Medan-Mediadelegasi: Kejaksaan Agung (Kejagung) membenarkan telah melakukan penggeledahan di rumah mantan Menteri Lingkungan Hidup dan Kehutanan (KLHK) Siti Nurbaya Bakar di Jakarta. Ihwal penggeledahan tersebut, langkah itu dilakukan dalam rangka penyidikan dugaan kasus tata kelola kebun dan industri kelapa sawit yang tengah ditangani aparat penegak hukum.
Ihwal Tindakan Penyidikan
Penggeledahan dilakukan oleh penyidik Jaksa Agung Muda Bidang Tindak Pidana Khusus (Jampidsus). Kejagung menegaskan bahwa penggeledahan merupakan bagian dari prosedur hukum untuk mengumpulkan alat bukti yang dinilai relevan dengan perkara yang sedang diselidiki.

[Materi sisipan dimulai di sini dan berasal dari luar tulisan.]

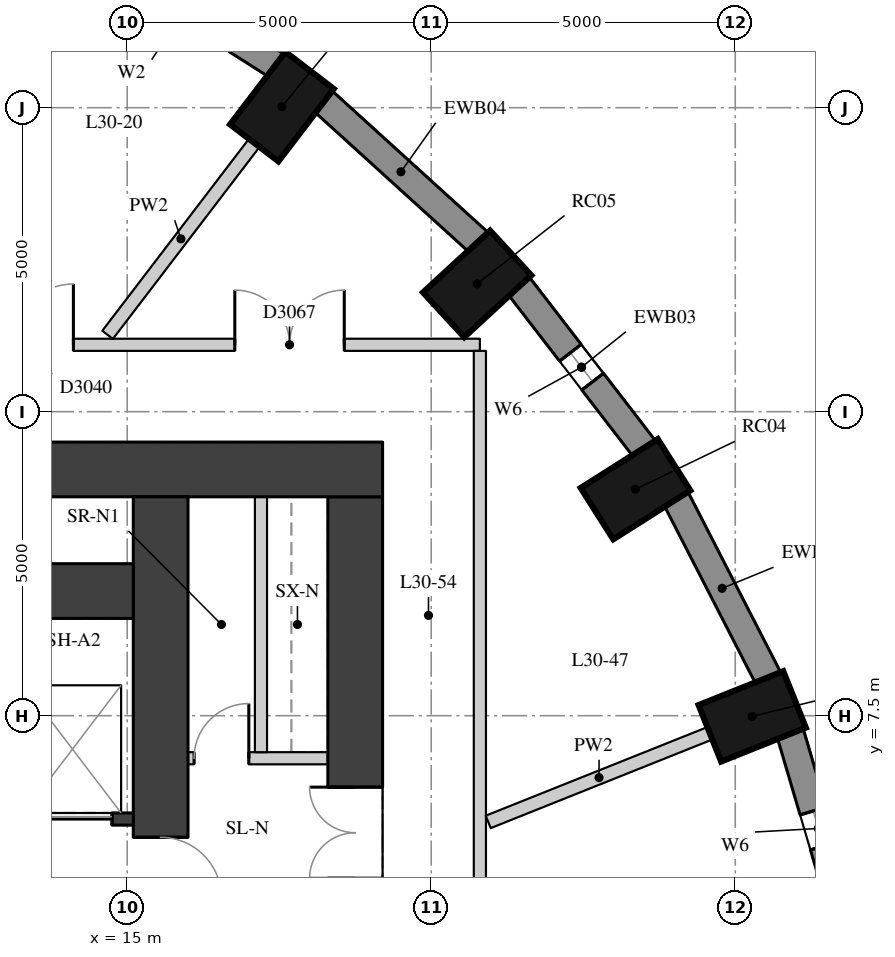
"""IFC4 building model, lengths in metres.
Left out: names, types, materials, properties, quantities, classifications, styles, units other than length and angle.
Written with IfcOpenShell. Run it as: python <this file> out.ifc"""

import sys

from ifc_helpers import new_model, si_unit, direction, frame, frame_2d, origin, origin_2d, place, context, subcontext, project, spatial, rectangle, extrude, element, fill, save


model = new_model("IFC4")
c1 = context("Model", 3, precision=1e-05, world=origin(), true_north=direction((0.0, 1.0)))
c2 = subcontext(c1, "Body", "Model", "MODEL_VIEW")
j1 = project(units=[si_unit("LENGTHUNIT", "METRE"), si_unit("PLANEANGLEUNIT", "RADIAN")], contexts=[c1])
p1 = place(None, origin())
s1 = spatial("IfcSite", under=j1, at=p1, CompositionType="ELEMENT")
p2 = place(p1, origin())
s2 = spatial("IfcBuilding", under=s1, at=p2, CompositionType="ELEMENT")
p3 = place(p2, frame((0.0, 0.0, 108.7)))
s3 = spatial("IfcBuildingStorey", under=s2, at=p3, CompositionType="ELEMENT", Elevation=108.7)
for number, where, z_axis, x_axis in (
    (1, (25.279, 7.489, 0.0), (0.0, 0.0, 1.0), (0.929, 0.371, 0.0)),
    (2, (23.36, 11.225, 0.0), (0.0, 0.0, 1.0), (0.845, 0.536, 0.0)),
    (3, (20.755, 14.602, 0.0), (0.0, 0.0, 1.0), (0.735, 0.678, 0.0)),
    (4, (17.545, 17.517, 0.0), (0.0, 0.0, 1.0), (0.607, 0.795, 0.0)),
):
    element("IfcColumn", number, at=place(p3, frame(where, z_axis=z_axis, x_axis=x_axis)), inside=s3, PredefinedType="COLUMN", context=c2, shape_type="SweptSolid", body=[
        extrude(rectangle(XDim=1.5, YDim=1.0, at=origin_2d()), origin(), (0.0, 0.0, 1.0), 3.3),
    ])
p4 = place(p3, frame((26.832, 4.069, 0.0), z_axis=(0.0, 0.0, 1.0), x_axis=(-0.283002902729, 0.959119052593, 0.0)))
e5 = element("IfcWall", 5, at=p4, inside=s3, PredefinedType="SOLIDWALL", context=c2, shape_type="SweptSolid", body=[
    extrude(rectangle(XDim=3.286, YDim=0.45, at=frame_2d((1.643, 0.0))), origin(), (0.0, 0.0, 1.0), 3.02),
])
p5 = place(p4, frame((1.343, 0.0, 0.4)))
e6 = element("IfcOpeningElement", 6, at=p5, cuts=e5, PredefinedType="OPENING", context=c2, shape_type="SweptSolid", body=[
    extrude(rectangle(XDim=0.6, YDim=1.75, at=frame_2d((0.3, 0.875))), frame((0.0, 0.235, 0.0), z_axis=(0.0, -1.0, 0.0), x_axis=(1.0, 0.0, 0.0)), (0.0, 0.0, 1.0), 0.47),
])
p6 = place(p3, frame((25.545, 8.112, 0.0), z_axis=(0.0, 0.0, 1.0), x_axis=(-0.456828186229, 0.889554949549, 0.0)))
e7 = element("IfcWall", 7, at=p6, inside=s3, PredefinedType="SOLIDWALL", context=c2, shape_type="SweptSolid", body=[
    extrude(rectangle(XDim=3.333, YDim=0.45, at=frame_2d((1.667, 0.0))), origin(), (0.0, 0.0, 1.0), 3.02),
])
p7 = place(p3, frame((23.508, 11.887, 0.0), z_axis=(0.0, 0.0, 1.0), x_axis=(-0.610693945156, 0.791866721961, 0.0)))
e8 = element("IfcWall", 8, at=p7, inside=s3, PredefinedType="SOLIDWALL", context=c2, shape_type="SweptSolid", body=[
    extrude(rectangle(XDim=3.395, YDim=0.45, at=frame_2d((1.697, 0.0))), origin(), (0.0, 0.0, 1.0), 3.02),
])
p8 = place(p7, frame((1.397, 0.0, 0.4)))
e9 = element("IfcOpeningElement", 9, at=p8, cuts=e8, PredefinedType="OPENING", context=c2, shape_type="SweptSolid", body=[
    extrude(rectangle(XDim=0.6, YDim=1.75, at=frame_2d((0.3, 0.875))), frame((0.0, 0.235, 0.0), z_axis=(0.0, -1.0, 0.0), x_axis=(1.0, 0.0, 0.0)), (0.0, 0.0, 1.0), 0.47),
])
p9 = place(p3, frame((20.784, 15.281, 0.0), z_axis=(0.0, 0.0, 1.0), x_axis=(-0.74032902847, 0.672244694739, 0.0)))
e10 = element("IfcWall", 10, at=p9, inside=s3, PredefinedType="SOLIDWALL", context=c2, shape_type="SweptSolid", body=[
    extrude(rectangle(XDim=3.464, YDim=0.45, at=frame_2d((1.732, 0.0))), origin(), (0.0, 0.0, 1.0), 3.02),
])
p10 = place(p3, frame((17.456, 18.192, 0.0), z_axis=(0.0, 0.0, 1.0), x_axis=(-0.843880549131, 0.536531097699, 0.0)))
e11 = element("IfcWall", 11, at=p10, inside=s3, PredefinedType="SOLIDWALL", context=c2, shape_type="SweptSolid", body=[
    extrude(rectangle(XDim=3.532, YDim=0.45, at=frame_2d((1.766, 0.0))), origin(), (0.0, 0.0, 1.0), 3.02),
])
p11 = place(p10, frame((0.766, 0.0, 0.4)))
e12 = element("IfcOpeningElement", 12, at=p11, cuts=e11, PredefinedType="OPENING", context=c2, shape_type="SweptSolid", body=[
    extrude(rectangle(XDim=2.0, YDim=1.75, at=frame_2d((1.0, 0.875))), frame((0.0, 0.235, 0.0), z_axis=(0.0, -1.0, 0.0), x_axis=(1.0, 0.0, 0.0)), (0.0, 0.0, 1.0), 0.47),
])
p12 = place(p3, frame((18.75, -11.1, 0.0), z_axis=(0.0, 0.0, 1.0), x_axis=(0.0, 1.0, 0.0)))
e13 = element("IfcWall", 13, at=p12, inside=s3, PredefinedType="SHEAR", context=c2, shape_type="SweptSolid", body=[
    extrude(rectangle(XDim=22.2, YDim=0.9, at=frame_2d((11.1, 0.0))), origin(), (0.0, 0.0, 1.0), 3.02),
])
p13 = place(p12, frame((15.925, 0.0, 0.0)))
e14 = element("IfcOpeningElement", 14, at=p13, cuts=e13, PredefinedType="OPENING", context=c2, shape_type="SweptSolid", body=[
    extrude(rectangle(XDim=1.5, YDim=2.1, at=frame_2d((0.75, 1.05))), frame((0.0, 0.46, 0.0), z_axis=(0.0, -1.0, 0.0), x_axis=(1.0, 0.0, 0.0)), (0.0, 0.0, 1.0), 0.92),
])
p14 = place(p12, frame((4.525, 0.0, 0.0)))
e15 = element("IfcOpeningElement", 15, at=p14, cuts=e13, PredefinedType="OPENING", context=c2, shape_type="SweptSolid", body=[
    extrude(rectangle(XDim=1.5, YDim=2.1, at=frame_2d((0.75, 1.05))), frame((0.0, 0.46, 0.0), z_axis=(0.0, -1.0, 0.0), x_axis=(1.0, 0.0, 0.0)), (0.0, 0.0, 1.0), 0.92),
])
p15 = place(p3, frame((4.0, 11.55, 0.0), z_axis=(0.0, 0.0, 1.0), x_axis=(1.0, 0.0, 0.0)))
e16 = element("IfcWall", 16, at=p15, inside=s3, PredefinedType="SHEAR", context=c2, shape_type="SweptSolid", body=[
    extrude(rectangle(XDim=15.2, YDim=0.9, at=frame_2d((7.6, 0.0))), origin(), (0.0, 0.0, 1.0), 3.02),
])
p16 = place(p3, frame((15.55, -11.1, 0.0), z_axis=(0.0, 0.0, 1.0), x_axis=(0.0, 1.0, 0.0)))
e17 = element("IfcWall", 17, at=p16, inside=s3, PredefinedType="SHEAR", context=c2, shape_type="SweptSolid", body=[
    extrude(rectangle(XDim=22.2, YDim=0.9, at=frame_2d((11.1, 0.0))), origin(), (0.0, 0.0, 1.0), 3.02),
])
p17 = place(p16, frame((15.6, 0.0, 0.0)))
e18 = element("IfcOpeningElement", 18, at=p17, cuts=e17, PredefinedType="OPENING", context=c2, shape_type="SweptSolid", body=[
    extrude(rectangle(XDim=1.0, YDim=2.1, at=frame_2d((0.5, 1.05))), frame((0.0, 0.46, 0.0), z_axis=(0.0, -1.0, 0.0), x_axis=(1.0, 0.0, 0.0)), (0.0, 0.0, 1.0), 0.92),
])
p18 = place(p16, frame((5.6, 0.0, 0.0)))
e19 = element("IfcOpeningElement", 19, at=p18, cuts=e17, PredefinedType="OPENING", context=c2, shape_type="SweptSolid", body=[
    extrude(rectangle(XDim=1.0, YDim=2.1, at=frame_2d((0.5, 1.05))), frame((0.0, 0.46, 0.0), z_axis=(0.0, -1.0, 0.0), x_axis=(1.0, 0.0, 0.0)), (0.0, 0.0, 1.0), 0.92),
])
p19 = place(p3, frame((4.9, 9.55, 0.0), z_axis=(0.0, 0.0, 1.0), x_axis=(1.0, 0.0, 0.0)))
e20 = element("IfcWall", 20, at=p19, inside=s3, PredefinedType="SHEAR", context=c2, shape_type="SweptSolid", body=[
    extrude(rectangle(XDim=10.2, YDim=0.9, at=frame_2d((5.1, 0.0))), origin(), (0.0, 0.0, 1.0), 3.02),
])
p20 = place(p3, frame((4.9, 5.8, 0.0), z_axis=(0.0, 0.0, 1.0), x_axis=(1.0, 0.0, 0.0)))
e21 = element("IfcWall", 21, at=p20, inside=s3, PredefinedType="SHEAR", context=c2, shape_type="SweptSolid", body=[
    extrude(rectangle(XDim=10.2, YDim=0.2, at=frame_2d((5.1, 0.0))), origin(), (0.0, 0.0, 1.0), 3.02),
])
p21 = place(p20, frame((6.75, 0.0, 0.0)))
e22 = element("IfcOpeningElement", 22, at=p21, cuts=e21, PredefinedType="OPENING", context=c2, shape_type="SweptSolid", body=[
    extrude(rectangle(XDim=1.1, YDim=2.1, at=frame_2d((0.55, 1.05))), frame((0.0, 0.11, 0.0), z_axis=(0.0, -1.0, 0.0), x_axis=(1.0, 0.0, 0.0)), (0.0, 0.0, 1.0), 0.22),
])
p22 = place(p20, frame((8.75, 0.0, 0.0)))
e23 = element("IfcOpeningElement", 23, at=p22, cuts=e21, PredefinedType="OPENING", context=c2, shape_type="SweptSolid", body=[
    extrude(rectangle(XDim=1.1, YDim=2.1, at=frame_2d((0.55, 1.05))), frame((0.0, 0.11, 0.0), z_axis=(0.0, -1.0, 0.0), x_axis=(1.0, 0.0, 0.0)), (0.0, 0.0, 1.0), 0.22),
])
p23 = place(p3, frame((16.0, 6.8, 0.0), z_axis=(0.0, 0.0, 1.0), x_axis=(1.0, 0.0, 0.0)))
e24 = element("IfcWall", 24, at=p23, inside=s3, PredefinedType="PARTITIONING", context=c2, shape_type="SweptSolid", body=[
    extrude(rectangle(XDim=2.3, YDim=0.2, at=frame_2d((1.15, 0.0))), origin(), (0.0, 0.0, 1.0), 3.02),
])
p24 = place(p23, frame((0.1, 0.0, 0.0)))
e25 = element("IfcOpeningElement", 25, at=p24, cuts=e24, PredefinedType="OPENING", context=c2, shape_type="SweptSolid", body=[
    extrude(rectangle(XDim=0.9, YDim=2.1, at=frame_2d((0.45, 1.05))), frame((0.0, 0.11, 0.0), z_axis=(0.0, -1.0, 0.0), x_axis=(1.0, 0.0, 0.0)), (0.0, 0.0, 1.0), 0.22),
])
p25 = place(p3, frame((17.2, 6.9, 0.0), z_axis=(0.0, 0.0, 1.0), x_axis=(0.0, 1.0, 0.0)))
e26 = element("IfcWall", 26, at=p25, inside=s3, PredefinedType="PARTITIONING", context=c2, shape_type="SweptSolid", body=[
    extrude(rectangle(XDim=4.2, YDim=0.2, at=frame_2d((2.1, 0.0))), origin(), (0.0, 0.0, 1.0), 3.02),
])
p26 = place(p3, frame((5.303, 13.6, 0.0), z_axis=(0.0, 0.0, 1.0), x_axis=(1.0, 0.0, 0.0)))
e27 = element("IfcWall", 27, at=p26, inside=s3, PredefinedType="PARTITIONING", context=c2, shape_type="SweptSolid", body=[
    extrude(rectangle(XDim=15.497, YDim=0.2, at=frame_2d((7.749, 0.0))), origin(), (0.0, 0.0, 1.0), 3.02),
])
p27 = place(p26, frame((7.812, 0.0, 0.0)))
e28 = element("IfcOpeningElement", 28, at=p27, cuts=e27, PredefinedType="OPENING", context=c2, shape_type="SweptSolid", body=[
    extrude(rectangle(XDim=1.0, YDim=2.1, at=frame_2d((0.5, 1.05))), frame((0.0, 0.11, 0.0), z_axis=(0.0, -1.0, 0.0), x_axis=(1.0, 0.0, 0.0)), (0.0, 0.0, 1.0), 0.22),
])
p28 = place(p26, frame((0.957, 0.0, 0.0)))
e29 = element("IfcOpeningElement", 29, at=p28, cuts=e27, PredefinedType="OPENING", context=c2, shape_type="SweptSolid", body=[
    extrude(rectangle(XDim=1.1, YDim=2.1, at=frame_2d((0.55, 1.05))), frame((0.0, 0.11, 0.0), z_axis=(0.0, -1.0, 0.0), x_axis=(1.0, 0.0, 0.0)), (0.0, 0.0, 1.0), 0.22),
])
p29 = place(p26, frame((11.467, 0.0, 0.0)))
e30 = element("IfcOpeningElement", 30, at=p29, cuts=e27, PredefinedType="OPENING", context=c2, shape_type="SweptSolid", body=[
    extrude(rectangle(XDim=1.8, YDim=2.1, at=frame_2d((0.9, 1.05))), frame((0.0, 0.11, 0.0), z_axis=(0.0, -1.0, 0.0), x_axis=(1.0, 0.0, 0.0)), (0.0, 0.0, 1.0), 0.22),
])
p30 = place(p3, frame((20.8, 13.5, 0.0), z_axis=(0.0, 0.0, 1.0), x_axis=(0.0, -1.0, 0.0)))
e31 = element("IfcWall", 31, at=p30, inside=s3, PredefinedType="PARTITIONING", context=c2, shape_type="SweptSolid", body=[
    extrude(rectangle(XDim=27.1, YDim=0.2, at=frame_2d((13.55, 0.0))), origin(), (0.0, 0.0, 1.0), 3.02),
])
p31 = place(p30, frame((22.844, 0.0, 0.0)))
e32 = element("IfcOpeningElement", 32, at=p31, cuts=e31, PredefinedType="OPENING", context=c2, shape_type="SweptSolid", body=[
    extrude(rectangle(XDim=1.8, YDim=2.1, at=frame_2d((0.9, 1.05))), frame((0.0, 0.11, 0.0), z_axis=(0.0, -1.0, 0.0), x_axis=(1.0, 0.0, 0.0)), (0.0, 0.0, 1.0), 0.22),
])
p32 = place(p30, frame((16.35, 0.0, 0.0)))
e33 = element("IfcOpeningElement", 33, at=p32, cuts=e31, PredefinedType="OPENING", context=c2, shape_type="SweptSolid", body=[
    extrude(rectangle(XDim=1.8, YDim=2.1, at=frame_2d((0.9, 1.05))), frame((0.0, 0.11, 0.0), z_axis=(0.0, -1.0, 0.0), x_axis=(1.0, 0.0, 0.0)), (0.0, 0.0, 1.0), 0.22),
])
p33 = place(p30, frame((10.051, 0.0, 0.0)))
e34 = element("IfcOpeningElement", 34, at=p33, cuts=e31, PredefinedType="OPENING", context=c2, shape_type="SweptSolid", body=[
    extrude(rectangle(XDim=1.8, YDim=2.1, at=frame_2d((0.9, 1.05))), frame((0.0, 0.11, 0.0), z_axis=(0.0, -1.0, 0.0), x_axis=(1.0, 0.0, 0.0)), (0.0, 0.0, 1.0), 0.22),
])
p34 = place(p3, frame((24.583, 7.21, 0.0), z_axis=(0.0, 0.0, 1.0), x_axis=(-0.928528147853, -0.371262008083, 0.0)))
e35 = element("IfcWall", 35, at=p34, inside=s3, PredefinedType="PARTITIONING", context=c2, shape_type="SweptSolid", body=[
    extrude(rectangle(XDim=3.926, YDim=0.22, at=frame_2d((1.963, 0.0))), origin(), (0.0, 0.0, 1.0), 3.02),
])
p35 = place(p3, frame((17.089, 16.921, 0.0), z_axis=(0.0, 0.0, 1.0), x_axis=(-0.607055443677, -0.794659479464, 0.0)))
e36 = element("IfcWall", 36, at=p35, inside=s3, PredefinedType="PARTITIONING", context=c2, shape_type="SweptSolid", body=[
    extrude(rectangle(XDim=3.973, YDim=0.22, at=frame_2d((1.987, 0.0))), origin(), (0.0, 0.0, 1.0), 3.02),
])
p36 = place(p5, origin())
e37 = element("IfcWindow", 37, at=p36, inside=s3, PartitioningType="SINGLE_PANEL", PredefinedType="WINDOW", context=c2, shape_type="SweptSolid", body=[
    extrude(rectangle(XDim=0.6, YDim=1.75, at=frame_2d((0.3, 0.875))), frame((0.0, 0.035, 0.0), z_axis=(0.0, -1.0, 0.0), x_axis=(1.0, 0.0, 0.0)), (0.0, 0.0, 1.0), 0.06),
])
fill(e6, e37)
p37 = place(p8, origin())
e38 = element("IfcWindow", 38, at=p37, inside=s3, PartitioningType="SINGLE_PANEL", PredefinedType="WINDOW", context=c2, shape_type="SweptSolid", body=[
    extrude(rectangle(XDim=0.6, YDim=1.75, at=frame_2d((0.3, 0.875))), frame((0.0, 0.035, 0.0), z_axis=(0.0, -1.0, 0.0), x_axis=(1.0, 0.0, 0.0)), (0.0, 0.0, 1.0), 0.06),
])
fill(e9, e38)
p38 = place(p13, origin())
e39 = element("IfcDoor", 39, at=p38, inside=s3, OperationType="DOUBLE_DOOR_SINGLE_SWING", PredefinedType="DOOR", context=c2, shape_type="SweptSolid", body=[
    extrude(rectangle(XDim=1.5, YDim=2.1, at=frame_2d((0.75, 1.05))), frame((0.0, 0.025, 0.0), z_axis=(0.0, -1.0, 0.0), x_axis=(1.0, 0.0, 0.0)), (0.0, 0.0, 1.0), 0.05),
])
fill(e14, e39)
p39 = place(p22, origin())
e40 = element("IfcDoor", 40, at=p39, inside=s3, OperationType="DOUBLE_DOOR_SLIDING", PredefinedType="DOOR", context=c2, shape_type="SweptSolid", body=[
    extrude(rectangle(XDim=1.1, YDim=2.1, at=frame_2d((0.55, 1.05))), frame((0.0, 0.025, 0.0), z_axis=(0.0, -1.0, 0.0), x_axis=(1.0, 0.0, 0.0)), (0.0, 0.0, 1.0), 0.05),
])
fill(e23, e40)
p40 = place(p17, origin())
e41 = element("IfcDoor", 41, at=p40, inside=s3, OperationType="SINGLE_SWING_RIGHT", PredefinedType="DOOR", context=c2, shape_type="SweptSolid", body=[
    extrude(rectangle(XDim=1.0, YDim=2.1, at=frame_2d((0.5, 1.05))), frame((0.0, 0.025, 0.0), z_axis=(0.0, -1.0, 0.0), x_axis=(1.0, 0.0, 0.0)), (0.0, 0.0, 1.0), 0.05),
])
fill(e18, e41)
p41 = place(p24, origin())
e42 = element("IfcDoor", 42, at=p41, inside=s3, OperationType="SINGLE_SWING_RIGHT", PredefinedType="DOOR", context=c2, shape_type="SweptSolid", body=[
    extrude(rectangle(XDim=0.9, YDim=2.1, at=frame_2d((0.45, 1.05))), frame((0.0, 0.025, 0.0), z_axis=(0.0, -1.0, 0.0), x_axis=(1.0, 0.0, 0.0)), (0.0, 0.0, 1.0), 0.05),
])
fill(e25, e42)
p42 = place(p27, origin())
e43 = element("IfcDoor", 43, at=p42, inside=s3, OperationType="SINGLE_SWING_RIGHT", PredefinedType="DOOR", context=c2, shape_type="SweptSolid", body=[
    extrude(rectangle(XDim=1.0, YDim=2.1, at=frame_2d((0.5, 1.05))), frame((0.0, 0.025, 0.0), z_axis=(0.0, -1.0, 0.0), x_axis=(1.0, 0.0, 0.0)), (0.0, 0.0, 1.0), 0.05),
])
fill(e28, e43)
p43 = place(p29, origin())
e44 = element("IfcDoor", 44, at=p43, inside=s3, OperationType="DOUBLE_DOOR_SINGLE_SWING", PredefinedType="DOOR", context=c2, shape_type="SweptSolid", body=[
    extrude(rectangle(XDim=1.8, YDim=2.1, at=frame_2d((0.9, 1.05))), frame((0.0, 0.025, 0.0), z_axis=(0.0, -1.0, 0.0), x_axis=(1.0, 0.0, 0.0)), (0.0, 0.0, 1.0), 0.05),
])
fill(e30, e44)
save(model, sys.argv[1])

Direktur Penyidikan Jampidsus Kejagung, Syarief Sulaeman Nahdi, membenarkan bahwa penggeledahan tersebut telah dilakukan beberapa waktu lalu. Ihwal pelaksanaan penggeledahan, penyidik berhasil mengamankan sejumlah barang bukti yang dianggap penting untuk mendukung proses penyidikan.
Barang bukti yang disita meliputi dokumen serta barang bukti elektronik. Dokumen yang diamankan diduga berkaitan dengan kebijakan, perizinan, maupun regulasi yang dikeluarkan dalam periode tertentu, sementara barang bukti elektronik mencakup data digital yang relevan dengan perkara.
Meski penggeledahan telah dilakukan, Kejagung memastikan bahwa hingga kini Siti Nurbaya Bakar belum diperiksa sebagai saksi. Penyidik masih meneliti dan mempelajari seluruh barang bukti yang telah disita sebelum menentukan jadwal pemanggilan.
Baca Juga : https://mediadelegasi.id/gus-yaqut-diperiksa-kpk-terkait-dugaan-korupsi-kuota-haji/
Syarief menjelaskan bahwa penggeledahan merupakan salah satu metode yang lazim digunakan dalam penyidikan tindak pidana khusus. Penyidik, kata dia, dapat lebih dahulu mengumpulkan alat bukti sebelum melakukan pemeriksaan terhadap saksi-saksi terkait.